The rate of decline in construction costs in Saudi Arabia is set to ease next year, according to figures from real estate firm Colliers.
Building costs have been on the decline in the kingdom due to the crash in oil prices and the subsequent slowdown in the Saudi construction industry.
Average construction costs fell by 3.1% in 2015, and a further 11.5% this year, Colliers said.
But that rate is expected to slow, with average construction costs falling by 3.9% next year, the firm forecasts in its KSA Construction Cost Benchmarking and Forecasting update.
The slowdown in the market and fall in construction costs has brought down Saudi contractors’ profit margins – something Colliers expects to continue in the short term.
“Contractors’ profit and overhead pricing plummeted throughout 2016, in some cases to negative margins,” it said.
“Strong competition will continue due to extensive cuts in capital expenditure, thereby forcing continued downward pressure on contractors’ margins.”

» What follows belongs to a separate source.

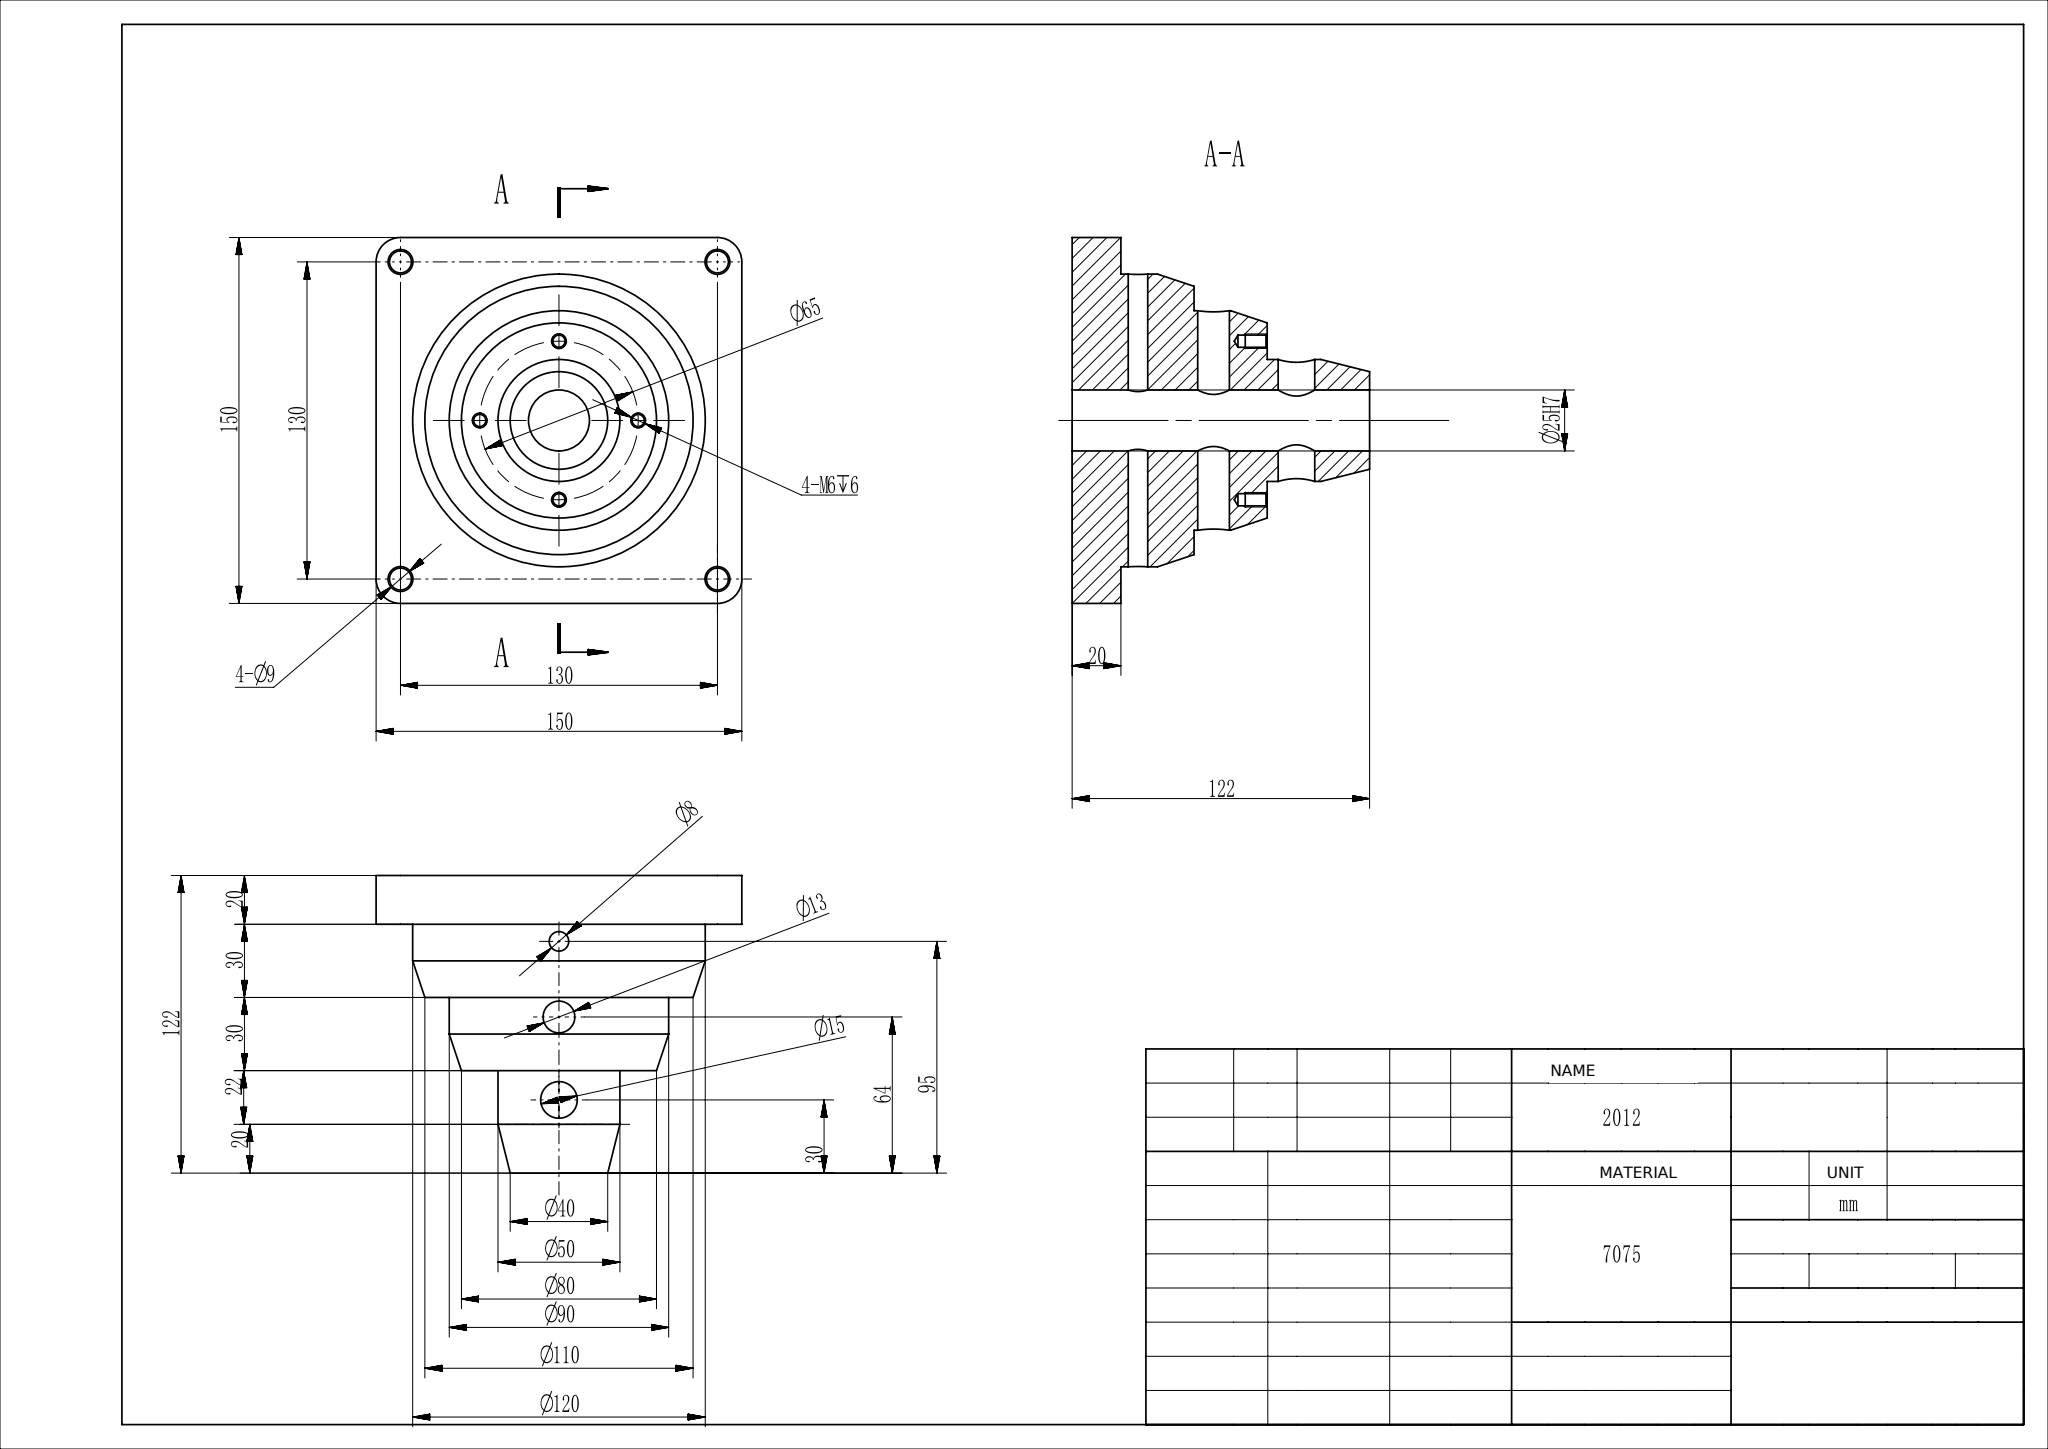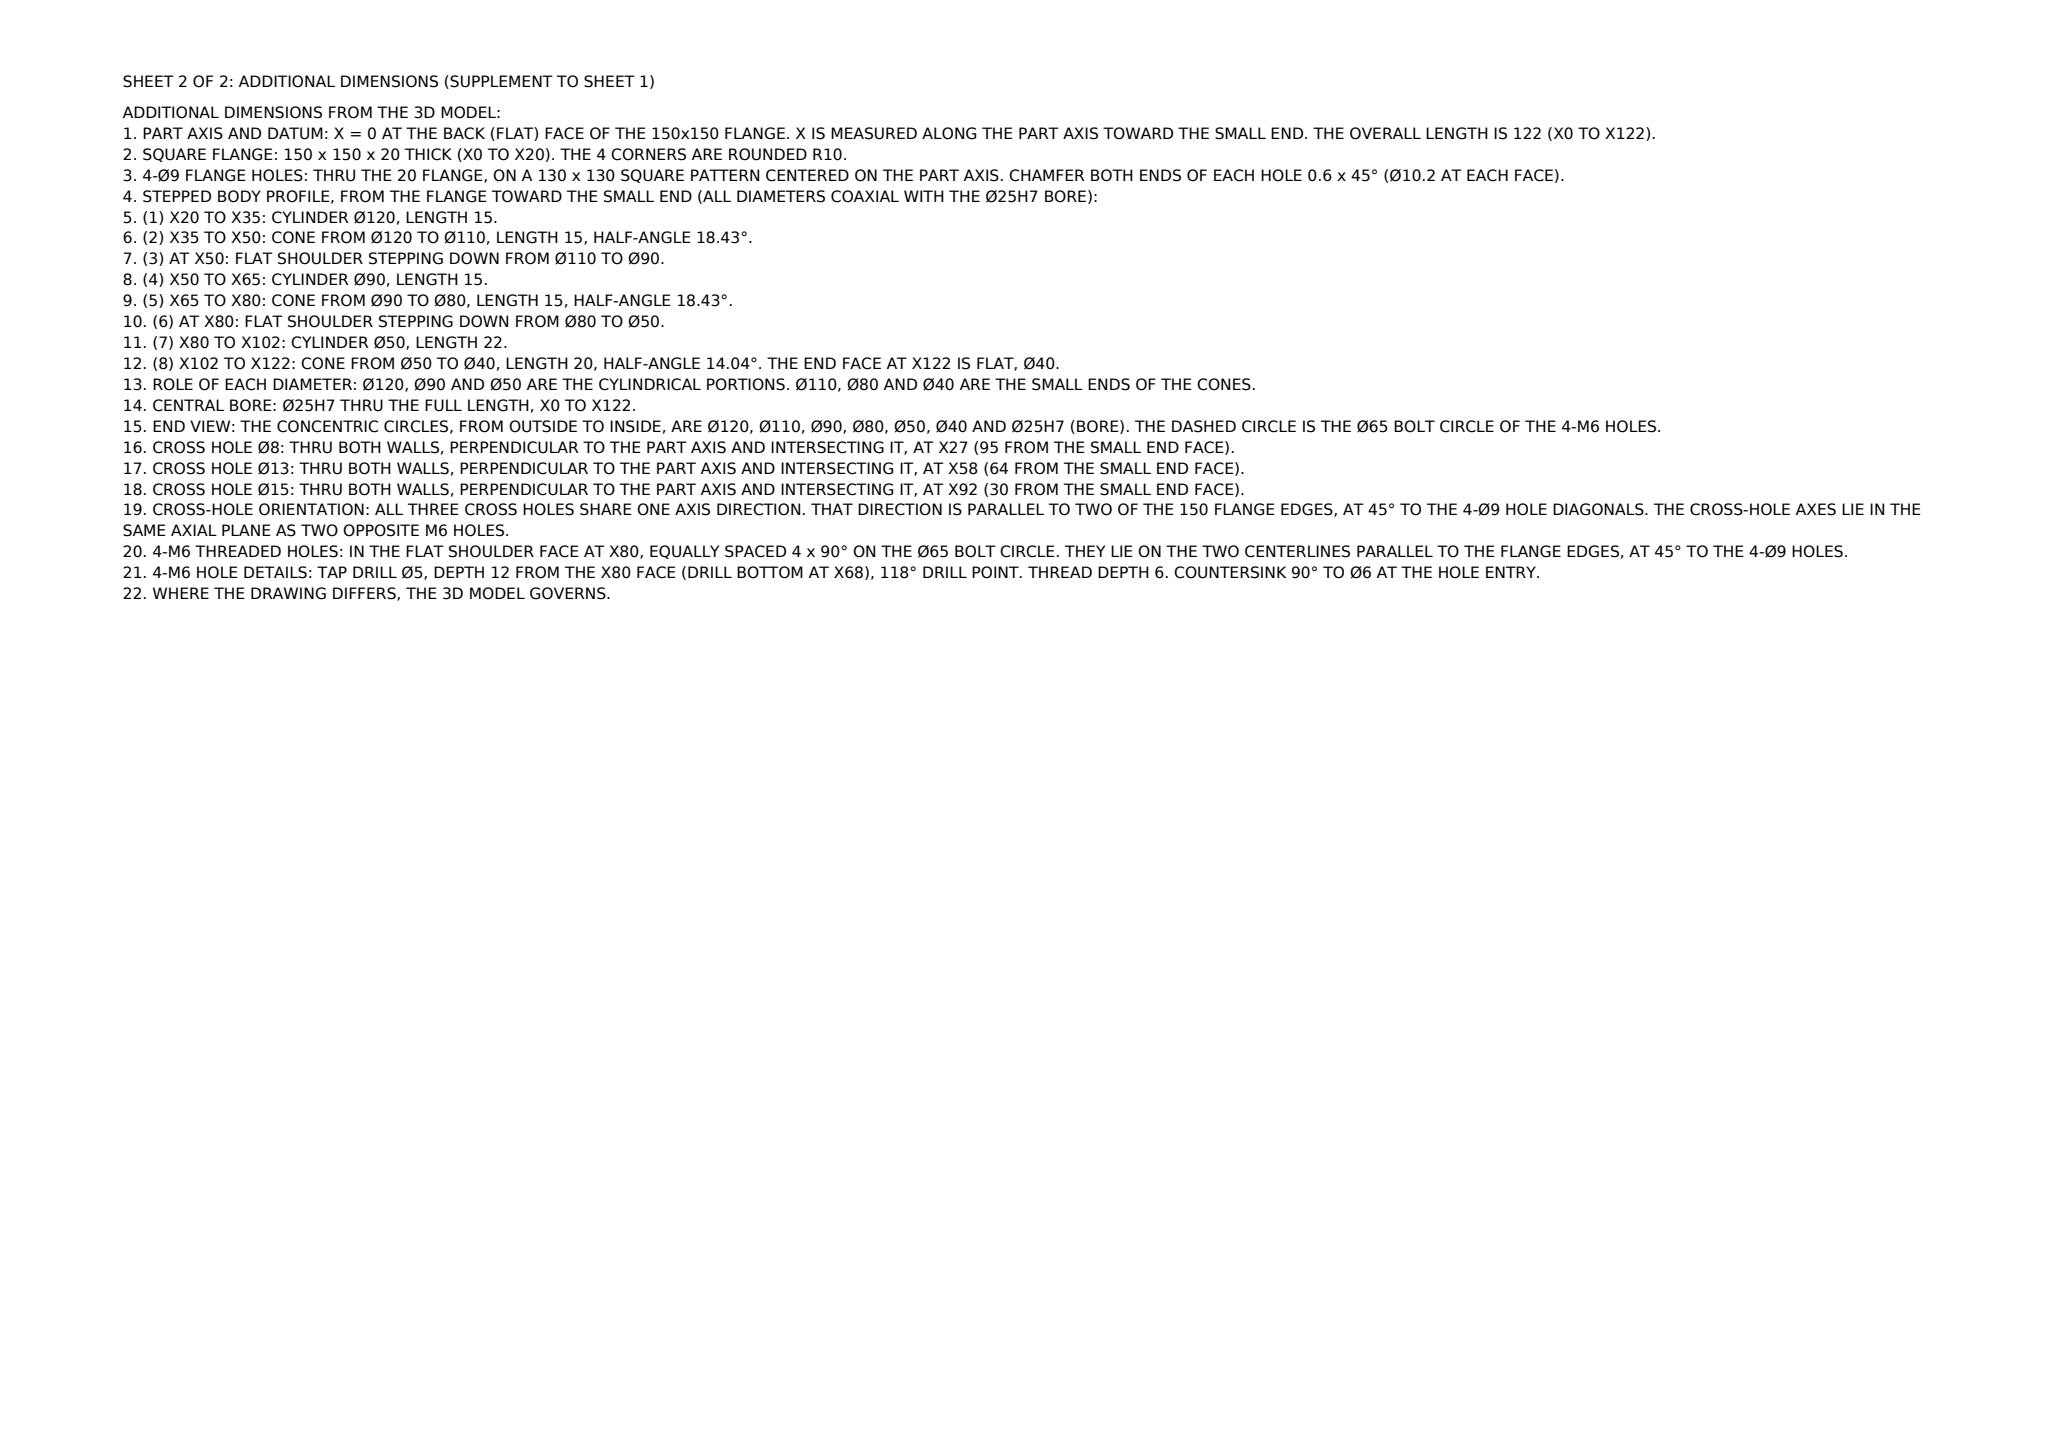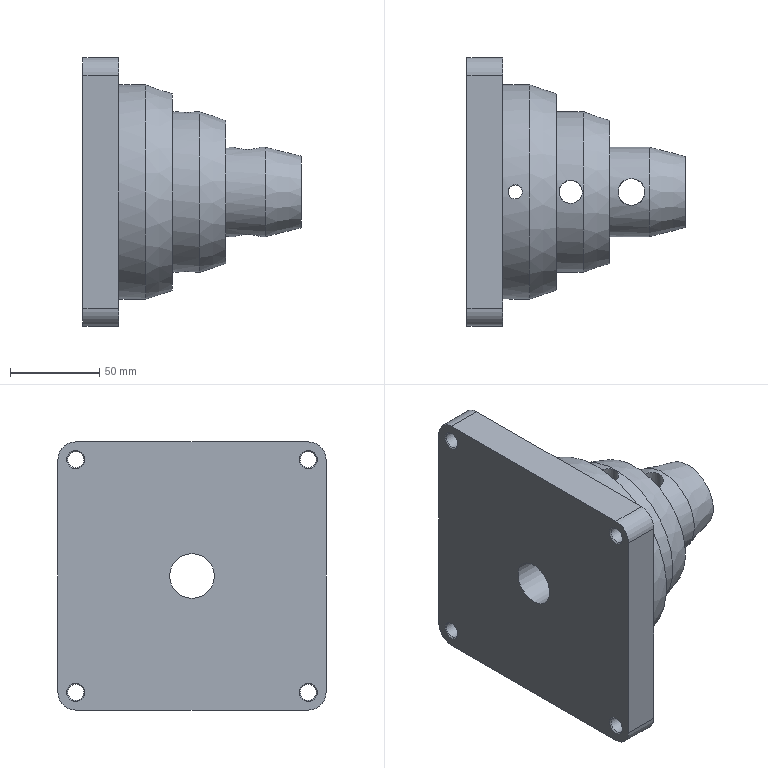Part | NX | mm | 1 solid | 50 faces | box 122 x 150 x 150 mm | volume 945575 mm3 | cylinder 22 | cone 19 | plane 9 | commonest cylinder face diameters 20 x4 9 x4 5 x4 8 x2 13 x2 15 x2 25 x1 50 x1

Colliers said the price of some construction materials fell in 2016, with rebar prices down 13% and concrete down 3%, although cement prices have “remained stable”.
Construction material costs are however expected to rise.
“As global construction related commodity pricing creeps up in 2017, this will affect the pricing of copper, aluminum and steel,” it said.
“Subsidy cuts will be further passed onto increase material costs, which are manufactured within the GCC.”